Infectious Diseases Indian Medical PG Practice Questions and MCQs

Question 141: An HIV patient developed goiter. On examination, there was non-tender diffuse enlargement of the thyroid. All of the following can be causes of this condition, except:

A. Toxoplasma
B. Cryptococcus
C. Aspergillus (Correct Answer)
D. Pneumocystis

Explanation: In HIV-infected individuals, the thyroid gland can be a site for opportunistic infections, typically presenting as a **painless, diffuse goiter** or localized nodules. **Explanation of the Correct Answer:** * **C. Aspergillus:** This is the correct answer because *Aspergillus* species typically cause **acute, painful thyroiditis** rather than non-tender diffuse enlargement. In immunocompromised patients, *Aspergillus* is angioinvasive, leading to infarction, necrosis, and abscess formation [1]. This clinical presentation is characterized by rapid onset, localized pain, and fever, which contradicts the "non-tender diffuse enlargement" described in the question. **Explanation of Incorrect Options:** * **D. Pneumocystis jirovecii:** This is the **most common** opportunistic infection of the thyroid in AIDS patients.
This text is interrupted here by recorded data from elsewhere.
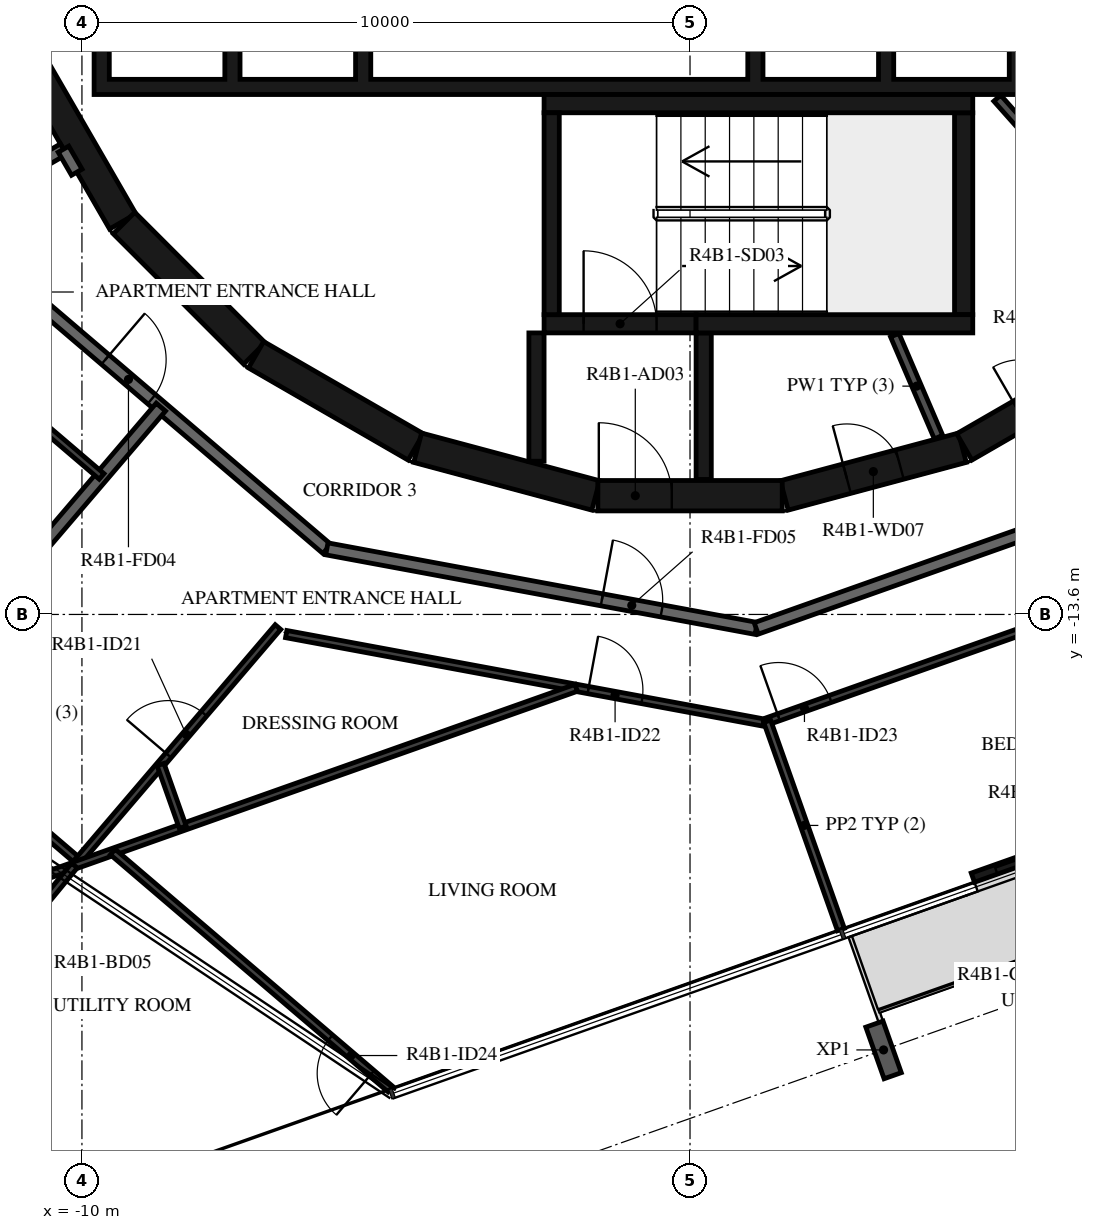
"""IFC4 building model, lengths in metres.
Left out: names, types, materials, properties, quantities, classifications, styles, units other than length and angle.
Written with IfcOpenShell. Run it as: python <this file> out.ifc"""

import sys

from ifc_helpers import new_model, si_unit, direction, frame, frame_2d, origin, origin_2d, place, context, subcontext, project, spatial, polyline, rectangle, i_section, outline, extrude, element, fill, save


model = new_model("IFC4")
c1 = context("Model", 3, precision=1e-05, world=origin(), true_north=direction((0.0, 1.0)))
c2 = subcontext(c1, "Body", "Model", "MODEL_VIEW")
j1 = project(units=[si_unit("LENGTHUNIT", "METRE"), si_unit("PLANEANGLEUNIT", "RADIAN")], contexts=[c1])
p1 = place(None, origin())
s1 = spatial("IfcSite", under=j1, at=p1, CompositionType="ELEMENT")
p2 = place(p1, origin())
s2 = spatial("IfcBuilding", under=s1, at=p2, CompositionType="ELEMENT")
p3 = place(p2, frame((0.0, 0.0, 162.2)))
s3 = spatial("IfcBuildingStorey", under=s2, at=p3, CompositionType="ELEMENT", Elevation=162.2)
p4 = place(p3, frame((3.183, -20.761, -0.38), z_axis=(0.0, 0.0, 1.0), x_axis=(-0.942641392079, -0.333807138839, 0.0)))
e1 = element("IfcColumn", 1, at=p4, inside=s3, PredefinedType="COLUMN", context=c2, shape_type="SweptSolid", body=[
    extrude(i_section(OverallWidth=0.3, OverallDepth=0.9, WebThickness=0.019, FlangeThickness=0.035, FilletRadius=0.03, at=origin_2d()), origin(), (0.0, 0.0, 1.0), 3.5),
])
p5 = place(p3, frame((4.652, -17.929, 0.0), z_axis=(0.0, 0.0, 1.0), x_axis=(0.942620722428, 0.333865502335, 0.0)))
e2 = element("IfcWall", 2, at=p5, inside=s3, PredefinedType="STANDARD", context=c2, shape_type="SweptSolid", body=[
    extrude(rectangle(XDim=3.2, YDim=0.16, at=frame_2d((1.6, 0.0))), origin(), (0.0, 0.0, 1.0), 3.12),
])
p6 = place(p5, frame((0.4, 0.0, 0.0)))
e3 = element("IfcOpeningElement", 3, at=p6, cuts=e2, PredefinedType="OPENING", context=c2, shape_type="SweptSolid", body=[
    extrude(rectangle(XDim=2.4, YDim=2.4, at=frame_2d((1.2, 1.2))), frame((0.0, 0.09, 0.0), z_axis=(0.0, -1.0, 0.0), x_axis=(1.0, 0.0, 0.0)), (0.0, 0.0, 1.0), 0.18),
])
p7 = place(p3, frame((1.55, -11.643, 0.0), z_axis=(0.0, 0.0, 1.0), x_axis=(0.965948410781, 0.258734743916, 0.0)))
e4 = element("IfcWall", 4, at=p7, inside=s3, PredefinedType="SHEAR", context=c2, shape_type="SweptSolid", body=[
    extrude(rectangle(XDim=3.033, YDim=0.5, at=frame_2d((1.516, 0.0))), origin(), (0.0, 0.0, 1.0), 3.12),
])
p8 = place(p7, frame((1.066, 0.0, 0.0)))
e5 = element("IfcOpeningElement", 5, at=p8, cuts=e4, PredefinedType="OPENING", context=c2, shape_type="SweptSolid", body=[
    extrude(rectangle(XDim=0.9, YDim=2.1, at=frame_2d((0.45, 1.05))), frame((0.0, 0.26, 0.0), z_axis=(0.0, -1.0, 0.0), x_axis=(1.0, 0.0, 0.0)), (0.0, 0.0, 1.0), 0.52),
])
p9 = place(p3, frame((4.51, -10.845, 0.0), z_axis=(0.0, 0.0, 1.0), x_axis=(0.865975092491, 0.500087131594, 0.0)))
e6 = element("IfcWall", 6, at=p9, inside=s3, PredefinedType="SHEAR", context=c2, shape_type="SweptSolid", body=[
    extrude(rectangle(XDim=3.033, YDim=0.5, at=frame_2d((1.516, 0.0))), origin(), (0.0, 0.0, 1.0), 3.12),
])
p10 = place(p9, frame((1.066, 0.0, 0.0)))
e7 = element("IfcOpeningElement", 7, at=p10, cuts=e6, PredefinedType="OPENING", context=c2, shape_type="SweptSolid", body=[
    extrude(rectangle(XDim=0.9, YDim=2.1, at=frame_2d((0.45, 1.05))), frame((0.0, 0.26, 0.0), z_axis=(0.0, -1.0, 0.0), x_axis=(1.0, 0.0, 0.0)), (0.0, 0.0, 1.0), 0.52),
])
p11 = place(p3, frame((-10.845, -4.51, 0.0), z_axis=(0.0, 0.0, 1.0), x_axis=(0.500087131594, -0.865975092491, 0.0)))
e8 = element("IfcWall", 8, at=p11, inside=s3, PredefinedType="SHEAR", context=c2, shape_type="SweptSolid", body=[
    extrude(rectangle(XDim=3.033, YDim=0.5, at=frame_2d((1.516, 0.0))), origin(), (0.0, 0.0, 1.0), 3.12),
])
p12 = place(p3, frame((-9.308, -7.164, 0.0), z_axis=(0.0, 0.0, 1.0), x_axis=(0.707106781187, -0.707106781187, 0.0)))
e9 = element("IfcWall", 9, at=p12, inside=s3, PredefinedType="SHEAR", context=c2, shape_type="SweptSolid", body=[
    extrude(rectangle(XDim=3.032, YDim=0.5, at=frame_2d((1.516, 0.0))), origin(), (0.0, 0.0, 1.0), 3.12),
])
for number, where, z_axis, x_axis in (
    (10, (-7.137, -9.329, 0.0), (0.0, 0.0, 1.0), (0.866, -0.5, 0.0)),
    (11, (-4.479, -10.858, 0.0), (0.0, 0.0, 1.0), (0.966, -0.259, 0.0)),
):
    element("IfcWall", number, at=place(p3, frame(where, z_axis=z_axis, x_axis=x_axis)), inside=s3, PredefinedType="SHEAR", context=c2, shape_type="SweptSolid", body=[
        extrude(rectangle(XDim=3.033, YDim=0.5, at=frame_2d((1.516, 0.0))), origin(), (0.0, 0.0, 1.0), 3.12),
    ])
p13 = place(p3, frame((-1.516, -11.647, 0.0), z_axis=(0.0, 0.0, 1.0), x_axis=(1.0, 0.0, 0.0)))
e12 = element("IfcWall", 12, at=p13, inside=s3, PredefinedType="SHEAR", context=c2, shape_type="SweptSolid", body=[
    extrude(rectangle(XDim=3.033, YDim=0.5, at=frame_2d((1.516, 0.0))), origin(), (0.0, 0.0, 1.0), 3.12),
])
p14 = place(p13, frame((0.016, 0.0, 0.0)))
e13 = element("IfcOpeningElement", 13, at=p14, cuts=e12, PredefinedType="OPENING", context=c2, shape_type="SweptSolid", body=[
    extrude(rectangle(XDim=1.2, YDim=2.1, at=frame_2d((0.6, 1.05))), frame((0.0, 0.26, 0.0), z_axis=(0.0, -1.0, 0.0), x_axis=(1.0, 0.0, 0.0)), (0.0, 0.0, 1.0), 0.52),
])
p15 = place(p3, frame((-2.275, -8.67, 0.0), z_axis=(0.0, 0.0, 1.0), x_axis=(0.0, 1.0, 0.0)))
e14 = element("IfcWall", 14, at=p15, inside=s3, PredefinedType="SHEAR", context=c2, shape_type="SweptSolid", body=[
    extrude(rectangle(XDim=3.32, YDim=0.25, at=frame_2d((1.66, 0.0))), origin(), (0.0, 0.0, 1.0), 3.12),
])
p16 = place(p3, frame((-2.4, -5.2, 0.0), z_axis=(0.0, 0.0, 1.0), x_axis=(1.0, 0.0, 0.0)))
e15 = element("IfcWall", 15, at=p16, inside=s3, PredefinedType="SHEAR", context=c2, shape_type="SweptSolid", body=[
    extrude(rectangle(XDim=7.05, YDim=0.3, at=frame_2d((3.525, 0.0))), origin(), (0.0, 0.0, 1.0), 3.12),
])
p17 = place(p3, frame((4.5, -8.67, 0.0), z_axis=(0.0, 0.0, 1.0), x_axis=(0.0, 1.0, 0.0)))
e16 = element("IfcWall", 16, at=p17, inside=s3, PredefinedType="SHEAR", context=c2, shape_type="SweptSolid", body=[
    extrude(rectangle(XDim=3.32, YDim=0.3, at=frame_2d((1.66, 0.0))), origin(), (0.0, 0.0, 1.0), 3.12),
])
p18 = place(p3, frame((0.1, -8.82, 0.0), z_axis=(0.0, 0.0, 1.0), x_axis=(1.0, 0.0, 0.0)))
e17 = element("IfcWall", 17, at=p18, inside=s3, PredefinedType="SHEAR", context=c2, shape_type="SweptSolid", body=[
    extrude(rectangle(XDim=4.55, YDim=0.3, at=frame_2d((2.275, 0.0))), origin(), (0.0, 0.0, 1.0), 3.12),
])
p19 = place(p3, frame((-2.4, -8.82, 0.0), z_axis=(0.0, 0.0, 1.0), x_axis=(1.0, 0.0, 0.0)))
e18 = element("IfcWall", 18, at=p19, inside=s3, PredefinedType="SHEAR", context=c2, shape_type="SweptSolid", body=[
    extrude(rectangle(XDim=2.5, YDim=0.3, at=frame_2d((1.25, 0.0))), origin(), (0.0, 0.0, 1.0), 3.12),
])
p20 = place(p19, frame((0.65, 0.0, 0.0)))
e19 = element("IfcOpeningElement", 19, at=p20, cuts=e18, PredefinedType="OPENING", context=c2, shape_type="SweptSolid", body=[
    extrude(rectangle(XDim=1.2, YDim=2.1, at=frame_2d((0.6, 1.05))), frame((0.0, 0.16, 0.0), z_axis=(0.0, -1.0, 0.0), x_axis=(1.0, 0.0, 0.0)), (0.0, 0.0, 1.0), 0.32),
])
p21 = place(p3, frame((-2.525, -8.97, 0.0), z_axis=(0.0, 0.0, 1.0), x_axis=(0.0, -1.0, 0.0)))
e20 = element("IfcWall", 20, at=p21, inside=s3, PredefinedType="SHEAR", context=c2, shape_type="SweptSolid", body=[
    extrude(rectangle(XDim=2.11, YDim=0.25, at=frame_2d((1.055, 0.0))), origin(), (0.0, 0.0, 1.0), 3.12),
])
p22 = place(p3, frame((0.225, -8.97, 0.0), z_axis=(0.0, 0.0, 1.0), x_axis=(0.0, -1.0, 0.0)))
e21 = element("IfcWall", 21, at=p22, inside=s3, PredefinedType="SHEAR", context=c2, shape_type="SweptSolid", body=[
    extrude(rectangle(XDim=2.41, YDim=0.25, at=frame_2d((1.205, 0.0))), origin(), (0.0, 0.0, 1.0), 3.12),
])
p23 = place(p3, origin())
e22 = element("IfcWall", 22, at=p23, inside=s3, PredefinedType="SHEAR", context=c2, shape_type="SweptSolid", body=[
    extrude(outline(polyline([(9.8, -5.05), (9.8, -4.8), (9.8, -1.9), (9.55, -1.9), (9.55, -4.8), (7.65, -4.8), (7.65, -1.9), (7.4, -1.9), (7.4, -4.8), (5.5, -4.8), (5.5, -1.9), (5.25, -1.9), (5.25, -4.8), (3.35, -4.8), (3.35, -1.9), (3.1, -1.9), (3.1, -4.8), (1.2, -4.8), (1.2, -1.9), (0.95, -1.9), (0.95, -4.8), (-5.25, -4.8), (-5.25, -1.9), (-5.5, -1.9), (-5.5, -4.8), (-7.4, -4.8), (-7.4, -1.9), (-7.65, -1.9), (-7.65, -4.8), (-9.55, -4.8), (-9.55, -1.9), (-9.8, -1.9), (-9.8, -4.8), (-9.8, -5.05), (9.8, -5.05)])), origin(), (0.0, 0.0, 1.0), 3.12),
])
p24 = place(p3, frame((7.842, -8.248, 0.0), z_axis=(0.0, 0.0, 1.0), x_axis=(-0.66446128181, 0.747322691329, 0.0)))
e23 = element("IfcWall", 23, at=p24, inside=s3, PredefinedType="PARTITIONING", context=c2, shape_type="SweptSolid", body=[
    extrude(rectangle(XDim=4.198, YDim=0.15, at=frame_2d((2.099, 0.0))), origin(), (0.0, 0.0, 1.0), 3.12),
])
p25 = place(p3, frame((3.367, -9.007, 0.0), z_axis=(0.0, 0.0, 1.0), x_axis=(0.394387482265, -0.918944238696, 0.0)))
e24 = element("IfcWall", 24, at=p25, inside=s3, PredefinedType="PARTITIONING", context=c2, shape_type="SweptSolid", body=[
    extrude(rectangle(XDim=1.825, YDim=0.15, at=frame_2d((0.913, 0.0))), origin(), (0.0, 0.0, 1.0), 3.12),
])
p26 = place(p3, frame((-10.303, -5.949, 0.0), z_axis=(0.0, 0.0, 1.0), x_axis=(-0.866021168401, -0.500007335828, 0.0)))
e25 = element("IfcWall", 25, at=p26, inside=s3, PredefinedType="STANDARD", context=c2, shape_type="SweptSolid", body=[
    extrude(rectangle(XDim=1.731, YDim=0.2, at=frame_2d((0.865, 0.0))), origin(), (0.0, 0.0, 1.0), 3.12),
])
p27 = place(p3, frame((-11.433, -7.858, 0.0), z_axis=(0.0, 0.0, 1.0), x_axis=(0.760412154545, -0.649440801937, 0.0)))
e26 = element("IfcWall", 26, at=p27, inside=s3, PredefinedType="STANDARD", context=c2, shape_type="SweptSolid", body=[
    extrude(rectangle(XDim=7.181, YDim=0.2, at=frame_2d((3.59, 0.0))), origin(), (0.0, 0.0, 1.0), 3.12),
])
p28 = place(p27, frame((2.39, 0.0, 0.0)))
e27 = element("IfcOpeningElement", 27, at=p28, cuts=e26, PredefinedType="OPENING", context=c2, shape_type="SweptSolid", body=[
    extrude(rectangle(XDim=1.0, YDim=2.1, at=frame_2d((0.5, 1.05))), frame((0.0, 0.11, 0.0), z_axis=(0.0, -1.0, 0.0), x_axis=(1.0, 0.0, 0.0)), (0.0, 0.0, 1.0), 0.22),
])
p29 = place(p3, frame((-10.303, -5.949, 0.0), z_axis=(0.0, 0.0, 1.0), x_axis=(0.499980071345, -0.866036909293, 0.0)))
e28 = element("IfcWall", 28, at=p29, inside=s3, PredefinedType="STANDARD", context=c2, shape_type="SweptSolid", body=[
    extrude(rectangle(XDim=0.438, YDim=0.2, at=frame_2d((0.219, 0.0))), origin(), (0.0, 0.0, 1.0), 3.12),
])
p30 = place(p3, frame((-5.972, -12.521, 0.0), z_axis=(0.0, 0.0, 1.0), x_axis=(0.983256068163, -0.18222926335, 0.0)))
e29 = element("IfcWall", 29, at=p30, inside=s3, PredefinedType="STANDARD", context=c2, shape_type="SweptSolid", body=[
    extrude(rectangle(XDim=7.181, YDim=0.2, at=frame_2d((3.59, 0.0))), origin(), (0.0, 0.0, 1.0), 3.12),
])
p31 = place(p30, frame((4.6, 0.0, 0.0)))
e30 = element("IfcOpeningElement", 30, at=p31, cuts=e29, PredefinedType="OPENING", context=c2, shape_type="SweptSolid", body=[
    extrude(rectangle(XDim=1.0, YDim=2.1, at=frame_2d((0.5, 1.05))), frame((0.0, 0.11, 0.0), z_axis=(0.0, -1.0, 0.0), x_axis=(1.0, 0.0, 0.0)), (0.0, 0.0, 1.0), 0.22),
])
p32 = place(p3, frame((1.088, -13.83, 0.0), z_axis=(0.0, 0.0, 1.0), x_axis=(0.942648397945, 0.333787354241, 0.0)))
e31 = element("IfcWall", 31, at=p32, inside=s3, PredefinedType="STANDARD", context=c2, shape_type="SweptSolid", body=[
    extrude(rectangle(XDim=7.181, YDim=0.2, at=frame_2d((3.591, 0.0))), origin(), (0.0, 0.0, 1.0), 3.12),
])
p33 = place(p3, frame((-12.441, -14.569, 0.0), z_axis=(0.0, 0.0, 1.0), x_axis=(0.649446013128, 0.760407703822, 0.0)))
e32 = element("IfcWall", 32, at=p33, inside=s3, PredefinedType="STANDARD", context=c2, shape_type="SweptSolid", body=[
    extrude(rectangle(XDim=5.758, YDim=0.2, at=frame_2d((2.879, 0.0))), origin(), (0.0, 0.0, 1.0), 3.12),
])
p34 = place(p3, frame((-12.713, -8.737, 0.0), z_axis=(0.0, 0.0, 1.0), x_axis=(0.760420863476, -0.649430604754, 0.0)))
e33 = element("IfcWall", 33, at=p34, inside=s3, PredefinedType="PARTITIONING", context=c2, shape_type="SweptSolid", body=[
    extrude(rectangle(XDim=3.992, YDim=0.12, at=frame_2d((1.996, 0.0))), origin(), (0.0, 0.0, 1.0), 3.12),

It typically presents as a painless, diffuse goiter or a slowly enlarging thyroid mass. It often occurs in patients receiving aerosolized pentamidine (which doesn't provide systemic protection). * **B. Cryptococcus neoformans:** This is a well-documented cause of subacute, non-tender thyroid involvement in advanced HIV/AIDS, usually occurring during disseminated disease. * **A. Toxoplasma gondii:** While rarer than *Pneumocystis*, *Toxoplasma* can involve the thyroid in disseminated cases, often presenting as asymptomatic or non-tender enlargement. **High-Yield Clinical Pearls for NEET-PG:** * **Most common thyroid opportunistic infection in HIV:** *Pneumocystis jirovecii*. * **Thyroid Function:** Most patients with opportunistic thyroid infections remain **euthyroid**, although destructive thyroiditis can occasionally cause transient hyperthyroidism followed by hypothyroidism. * **Kaposi Sarcoma:** Aside from infections, Kaposi Sarcoma and Lymphoma can also cause non-tender thyroid enlargement in HIV patients. * **Drug Interaction:** Remember that **Rifampin** (used for TB in HIV) can induce hepatic enzymes, leading to increased clearance of T4 and potentially worsening hypothyroidism in patients with pre-existing thyroid disease.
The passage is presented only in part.